# Omega breech plug STUCK



## thornapple (Feb 3, 2003)

Do any of you know of another type of wrench that I could use to possibly loosen up my plug in my Omega? I have broken two of the factory wrenches that are supplied with the gun and cant get it to budge at all. 
I have learned my lesson on only applying a small amount of grease to the threads and possibly snugging it up too tight upon installation. Oh and I put well over a hundred shots thru the gun before attempting to remove the plug.
Any ideas would be welcome. Thanks, Tony


----------



## roger23 (Jan 14, 2001)

soak it with aerokroil and try again ..then take it to a gun smith


----------



## DANIEL MARK ZAPOLSKI (Sep 23, 2002)

sounds like a last ditch effort to me. do you have any experience in the drill and easy out world? if not take it to your gun smith and he can do it for you.
i just got a brand new omega for a x-mass present and you just bummed me out hearing about your nightmare! 
did you use the breach plug butter before shooting it? or did you just shoot it out of the box? i would think that the factory would be somewhat responsible for your problem if you just shot it out of the box and warranty was still in effect.


----------



## roger23 (Jan 14, 2001)

you have to use a good quality anti seize that is water resistant and not tighten them to tight ... be real careful not to cross thread them


----------



## cointoss (Apr 9, 2001)

Soak it with Kroil, and then try tapping on the wrench while over the plug, that TC supplies with the rifle. Let it soak for a couple of days, occasionally tapping and reaplying any Kroil that has leaked out. Then if this doesn't work it will probably be cheaper to send back to TC especially if any thing has to be replaced.


----------



## thornapple (Feb 3, 2003)

I bought the gun back in July. I thoroughly cleaned it before I even shot it for the first time, then after I zeroed the scope I pulled the plug and did another thorough clean job. After that I shot upwards of a hundred rounds out of it. Then after muzzle season ended I thought I would do an end of year cleanup and thats when I ran into my "problem". 
I guess now I will try the Aerokroil and give it some firm taps over a couple days and if that doesnt do it off to the gunsmith I go. Thanks for the tips guys. Tony


----------



## wally-eye (Oct 27, 2004)

We had that thread going a few months ago about storing ML's with the plug out after each days shooting.................

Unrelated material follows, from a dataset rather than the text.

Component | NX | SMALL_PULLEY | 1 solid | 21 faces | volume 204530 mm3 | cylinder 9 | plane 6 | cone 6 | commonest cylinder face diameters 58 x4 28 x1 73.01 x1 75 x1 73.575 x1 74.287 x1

I learned the hard way several years ago. Plug comes out after each days shooting and is stored out of the gun till the next time to shoot.

I feel you're pain.......


----------



## sullyxlh (Oct 28, 2004)

thornapple said:


> Oh and I put well over a hundred shots thru the gun before attempting to remove the plug.


:yikes: 
FWIW don't go the gunsmith route,send it back to T/C...


----------



## jmoser (Sep 11, 2002)

My Encore is an 11 mm hex I think [or maybe 13?] - I have used a 1/4 inch drive 6 point socket for more leverage. a 3/8" drive socket will be too big O.D. and a 12 pt may round off the corners.

Try a good socket and a cheater bar, rap the handle with a mallet for a poor man's impact wrench.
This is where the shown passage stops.